本实验通过采用不同浓度FAC 体外作用于MG-63骨肉瘤细胞，发现FAC可以抑制MG-63骨肉瘤细胞的增殖，但低浓度、短时间的抑制作用较弱，当达到一定浓度后（本实验提示为100 mg/L）FAC 对MG-63 骨肉瘤细胞具有明显的抑制作用，且细胞存活率与浓度呈负相关。划痕实验显示200、300 mg/L FAC 可明显抑制MG-63 骨肉瘤细胞的迁移和修复，且300 mg/L FAC 的抑制作用较10 mg/L 顺铂强。FAC 药物作用后，细胞失去了原有的成纤维细胞状形态，贴壁黏附力下降，破裂成细胞碎片，在大体上呈现出凋亡形态。Hoechst33258 荧光染色显示FAC 作用48 h 后MG-63骨肉瘤细胞表现出凋亡形态学变化，且随FAC 浓度增高，MG-63骨肉瘤细胞凋亡现象更明显，300 mg/L FAC较10 mg/L 顺铂凋亡现象明显。流式细胞仪检测Annexin V-PI 双染结果显示，300 mg/L FAC、10 mg/L 顺铂作用48 h 能明显诱导MG-63 骨肉瘤细胞发生凋亡，300 mg/L FAC较顺铂凋亡率高。

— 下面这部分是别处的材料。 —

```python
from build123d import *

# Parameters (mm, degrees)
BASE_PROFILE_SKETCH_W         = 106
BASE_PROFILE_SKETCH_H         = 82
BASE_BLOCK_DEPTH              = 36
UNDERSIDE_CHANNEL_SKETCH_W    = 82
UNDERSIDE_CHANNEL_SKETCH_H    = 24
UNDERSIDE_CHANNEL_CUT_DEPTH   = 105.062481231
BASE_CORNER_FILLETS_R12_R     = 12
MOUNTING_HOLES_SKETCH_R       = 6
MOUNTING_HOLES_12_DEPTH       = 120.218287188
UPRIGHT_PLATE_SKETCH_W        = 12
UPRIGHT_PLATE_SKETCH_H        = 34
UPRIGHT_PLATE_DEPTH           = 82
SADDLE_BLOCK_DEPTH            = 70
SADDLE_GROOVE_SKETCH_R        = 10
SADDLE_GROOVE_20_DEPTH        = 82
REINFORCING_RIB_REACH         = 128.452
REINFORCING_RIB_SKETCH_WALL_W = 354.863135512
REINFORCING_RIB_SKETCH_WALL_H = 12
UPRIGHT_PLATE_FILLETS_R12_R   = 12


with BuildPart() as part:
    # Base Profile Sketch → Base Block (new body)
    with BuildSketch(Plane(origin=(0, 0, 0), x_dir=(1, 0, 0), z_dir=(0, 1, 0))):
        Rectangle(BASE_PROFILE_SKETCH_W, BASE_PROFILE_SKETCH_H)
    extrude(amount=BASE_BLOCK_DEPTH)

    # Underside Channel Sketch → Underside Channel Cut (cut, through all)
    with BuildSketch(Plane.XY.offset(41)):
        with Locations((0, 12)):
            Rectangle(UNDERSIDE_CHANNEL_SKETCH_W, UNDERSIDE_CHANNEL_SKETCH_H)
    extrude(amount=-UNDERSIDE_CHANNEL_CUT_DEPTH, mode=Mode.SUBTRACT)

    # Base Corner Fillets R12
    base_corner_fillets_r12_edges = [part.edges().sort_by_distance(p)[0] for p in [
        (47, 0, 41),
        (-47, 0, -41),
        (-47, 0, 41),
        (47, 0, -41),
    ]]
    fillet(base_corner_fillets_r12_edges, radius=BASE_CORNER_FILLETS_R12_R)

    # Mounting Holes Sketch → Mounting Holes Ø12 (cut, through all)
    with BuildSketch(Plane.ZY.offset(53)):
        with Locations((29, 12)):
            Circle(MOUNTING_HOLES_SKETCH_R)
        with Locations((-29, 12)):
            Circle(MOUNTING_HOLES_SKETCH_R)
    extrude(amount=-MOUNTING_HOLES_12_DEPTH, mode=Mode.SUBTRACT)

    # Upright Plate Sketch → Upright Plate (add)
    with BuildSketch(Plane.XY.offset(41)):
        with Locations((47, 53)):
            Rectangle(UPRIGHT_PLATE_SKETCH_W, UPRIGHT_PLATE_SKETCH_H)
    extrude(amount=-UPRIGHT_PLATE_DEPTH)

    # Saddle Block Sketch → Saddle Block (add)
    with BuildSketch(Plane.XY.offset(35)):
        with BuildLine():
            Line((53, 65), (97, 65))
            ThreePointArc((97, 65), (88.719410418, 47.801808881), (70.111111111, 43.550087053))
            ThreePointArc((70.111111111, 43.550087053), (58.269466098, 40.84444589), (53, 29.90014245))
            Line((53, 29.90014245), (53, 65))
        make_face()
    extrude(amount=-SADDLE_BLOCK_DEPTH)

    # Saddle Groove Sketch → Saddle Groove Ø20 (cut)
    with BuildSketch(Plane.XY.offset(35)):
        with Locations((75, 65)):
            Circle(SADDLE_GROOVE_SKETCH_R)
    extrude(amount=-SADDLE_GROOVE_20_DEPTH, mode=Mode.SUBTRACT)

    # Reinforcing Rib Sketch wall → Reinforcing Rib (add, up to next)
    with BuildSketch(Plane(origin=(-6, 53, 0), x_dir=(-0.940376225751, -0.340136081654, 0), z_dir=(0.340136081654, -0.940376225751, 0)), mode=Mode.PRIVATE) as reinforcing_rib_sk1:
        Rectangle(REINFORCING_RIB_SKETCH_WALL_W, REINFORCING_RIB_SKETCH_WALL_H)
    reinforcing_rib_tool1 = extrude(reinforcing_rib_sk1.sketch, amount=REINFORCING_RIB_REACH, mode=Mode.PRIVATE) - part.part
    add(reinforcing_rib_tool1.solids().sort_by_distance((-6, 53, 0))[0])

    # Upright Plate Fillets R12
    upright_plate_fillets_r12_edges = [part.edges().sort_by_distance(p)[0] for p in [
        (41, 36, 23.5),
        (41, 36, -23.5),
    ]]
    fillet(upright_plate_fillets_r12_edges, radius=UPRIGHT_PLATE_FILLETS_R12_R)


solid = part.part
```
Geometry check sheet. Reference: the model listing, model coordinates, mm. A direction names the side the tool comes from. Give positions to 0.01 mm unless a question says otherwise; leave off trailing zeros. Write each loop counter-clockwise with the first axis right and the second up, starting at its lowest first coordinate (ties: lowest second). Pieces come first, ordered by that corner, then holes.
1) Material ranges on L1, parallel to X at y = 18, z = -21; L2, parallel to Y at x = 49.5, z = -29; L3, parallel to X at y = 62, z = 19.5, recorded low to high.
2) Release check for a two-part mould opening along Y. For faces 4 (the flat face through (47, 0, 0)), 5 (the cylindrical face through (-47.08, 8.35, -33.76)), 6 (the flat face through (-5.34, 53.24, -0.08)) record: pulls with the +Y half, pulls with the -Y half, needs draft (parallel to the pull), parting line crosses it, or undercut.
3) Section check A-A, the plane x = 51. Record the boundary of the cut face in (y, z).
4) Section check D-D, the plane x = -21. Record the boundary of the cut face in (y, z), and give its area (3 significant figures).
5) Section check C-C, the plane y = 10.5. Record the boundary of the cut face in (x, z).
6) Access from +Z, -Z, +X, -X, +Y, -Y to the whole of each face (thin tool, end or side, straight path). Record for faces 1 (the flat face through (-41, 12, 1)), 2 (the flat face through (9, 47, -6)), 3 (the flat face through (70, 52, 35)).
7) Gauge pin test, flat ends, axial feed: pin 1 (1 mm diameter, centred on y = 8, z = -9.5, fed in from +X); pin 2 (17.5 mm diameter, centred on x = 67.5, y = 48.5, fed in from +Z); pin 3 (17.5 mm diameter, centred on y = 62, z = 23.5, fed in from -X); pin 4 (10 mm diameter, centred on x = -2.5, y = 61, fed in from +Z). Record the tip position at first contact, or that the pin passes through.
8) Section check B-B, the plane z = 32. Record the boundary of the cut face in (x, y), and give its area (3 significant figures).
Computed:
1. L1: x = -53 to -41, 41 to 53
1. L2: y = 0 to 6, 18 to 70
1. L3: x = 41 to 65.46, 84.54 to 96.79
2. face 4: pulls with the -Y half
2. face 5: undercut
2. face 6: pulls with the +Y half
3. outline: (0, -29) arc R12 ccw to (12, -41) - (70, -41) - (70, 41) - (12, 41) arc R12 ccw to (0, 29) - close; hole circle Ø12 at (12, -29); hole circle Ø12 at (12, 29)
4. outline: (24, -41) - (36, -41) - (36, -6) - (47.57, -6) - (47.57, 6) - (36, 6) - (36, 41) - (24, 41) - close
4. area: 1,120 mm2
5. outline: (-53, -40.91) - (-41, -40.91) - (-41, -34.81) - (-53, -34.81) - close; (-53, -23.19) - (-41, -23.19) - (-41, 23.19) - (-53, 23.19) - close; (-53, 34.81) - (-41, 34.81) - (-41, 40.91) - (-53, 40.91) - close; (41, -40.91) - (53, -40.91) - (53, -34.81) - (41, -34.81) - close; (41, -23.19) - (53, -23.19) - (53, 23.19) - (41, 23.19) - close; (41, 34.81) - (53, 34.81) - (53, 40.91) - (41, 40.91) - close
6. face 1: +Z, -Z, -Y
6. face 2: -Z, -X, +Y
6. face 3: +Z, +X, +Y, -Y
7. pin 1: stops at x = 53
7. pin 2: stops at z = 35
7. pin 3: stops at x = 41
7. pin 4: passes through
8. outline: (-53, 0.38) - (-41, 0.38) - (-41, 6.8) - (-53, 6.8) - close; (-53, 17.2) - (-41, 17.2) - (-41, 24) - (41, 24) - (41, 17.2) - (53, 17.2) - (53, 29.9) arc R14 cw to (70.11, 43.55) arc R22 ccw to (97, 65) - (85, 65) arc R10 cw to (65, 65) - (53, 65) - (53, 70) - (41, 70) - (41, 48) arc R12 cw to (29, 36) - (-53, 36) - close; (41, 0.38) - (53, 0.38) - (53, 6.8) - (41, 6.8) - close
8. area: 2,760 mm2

为了进一步研究FAC 诱导MG-63 骨肉瘤细胞凋亡的具体机制，本研究用PCR 法和Western blotting 法检测细胞RANK、RANKL、OPG、Caspase-3 的mRNA 和蛋白表达。Caspase 是细胞凋亡途径的关键因素［25］。RANK 是TNF 受体配体超家族成员，其配体是肿瘤坏死因子（TNF）配体超家族的RANKL，它们在破骨细胞分化、活化、成熟过程中起关键作用。OPG属于TNF受体超家族成员，是一种“圈套”受体，其与配体RANKL结合可阻断RANKL／RANK 间的相互作用，从而起到抑制破骨细胞分化、减少骨吸收的作用［26］。PCR 结果显示，FAC 作用后细胞的Caspase-3 mRNA 表达升高，RANKL 和RANK mRNA 表达也升高；相反，OPG mRNA 表达下降。Western blotting 结果显示，FAC作用后细胞的RANK、RANKL 和Caspase-3 蛋白表达升高；相反，OPG蛋白表达降低。因此本研究认为，FAC是通过RANK/RANKL/OPG 信号轴途径诱导MG-63 骨肉瘤细胞发生凋亡。

综上所述，FAC 具有抑制MG-63 骨肉瘤细胞生长，并诱导其凋亡的作用，其作用机理可能是通过下调OPG 的表达，使RANK、RANKL 和凋亡因子Caspase-3表达升高，诱导MG-63 骨肉瘤细胞发生凋亡。